# Fantasia, but better



## allaroundmusicenthusiast (Jun 3, 2020)

Before last sunday I had never watched Fantasia (the 1940 version). My girlfriend, who watched it all the time as a kid, but doesn't particularly listen to classical music today, wanted to watch it because she found a parody of the film made in Italy in the 70s.
Fantasia completely bored me, I didn't like the music selections (aside from rite and beethoven's 6th) and I found it too long and solemn. Of course, visually it's pretty amazing, but my general impression was that I understood why it flopped when it was released. 
But then yesterday we watched Allegro non Troppo by Bruno Bozzetto. Right from the start it's a lot more fun(nny), and surreal and kinda crazy and devoid of all solemn posturing. The music too I found much more to my liking as it starts with Prélude à l'après midi d'un faune, and the animation is also spectacular (much more rugged due to budget surely), but equally or more inspired than disney's and, again, a lot more fun.
I realize I didn't do the film much justice perhaps, but if you want to watch something kooky with great humor, great animation and great music give Allegro non Troppo a chance. It's definitely one of the best experiences in regards to the combination of film and classical music. 

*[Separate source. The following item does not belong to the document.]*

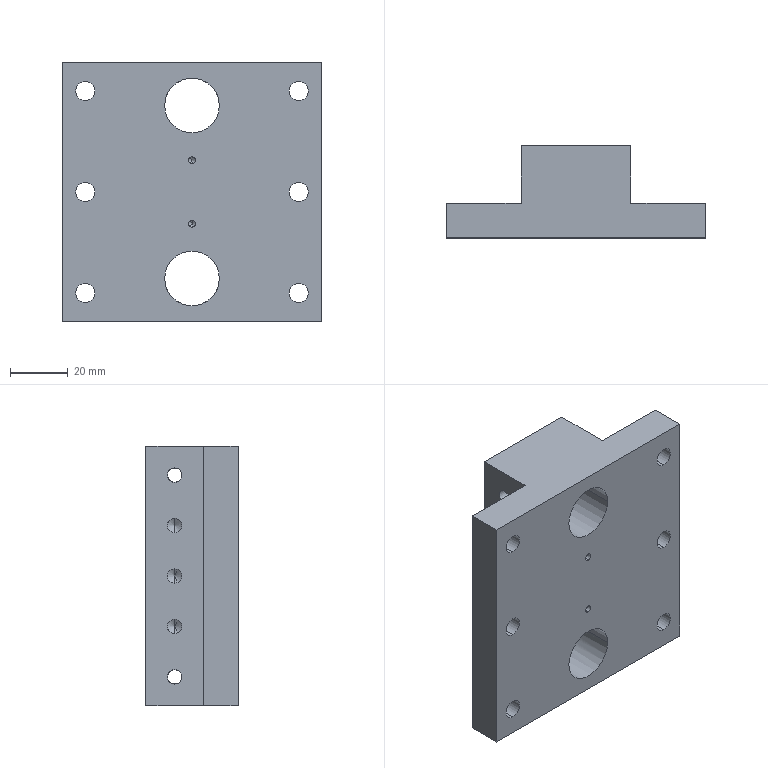Component | SolidWorks | QX1-12-V-BracketBase-1 | 1 solid | 102 faces | volume 141628 mm3 | cylinder 56 | cone 36 | plane 10 | commonest cylinder face diameters 5 x20 3.3 x16 6.6 x12 2.5 x4 19 x4 | material 6061 Alloy

PS: Mods, if this topic isn't suited to this section of the forum, please feel free to move it!


----------



## SONNET CLV (May 31, 2014)

I, too, have never seen _Fantasia_ complete from start to finish. My familiarity is from commentaries and from seeing bits and pieces, scenes from the film. I've never really had any interest in seeing the complete animation.

Too, I had never before heard of _Allegro non Troppo_ by Bruno Bozzetto. Upon reading a description of the film, I surmise it may well be more intriguing than I suspect _Fantasia_ is. Whether or not I'll ever watch it is another issue. I'll remain neutral and uncommitted for now.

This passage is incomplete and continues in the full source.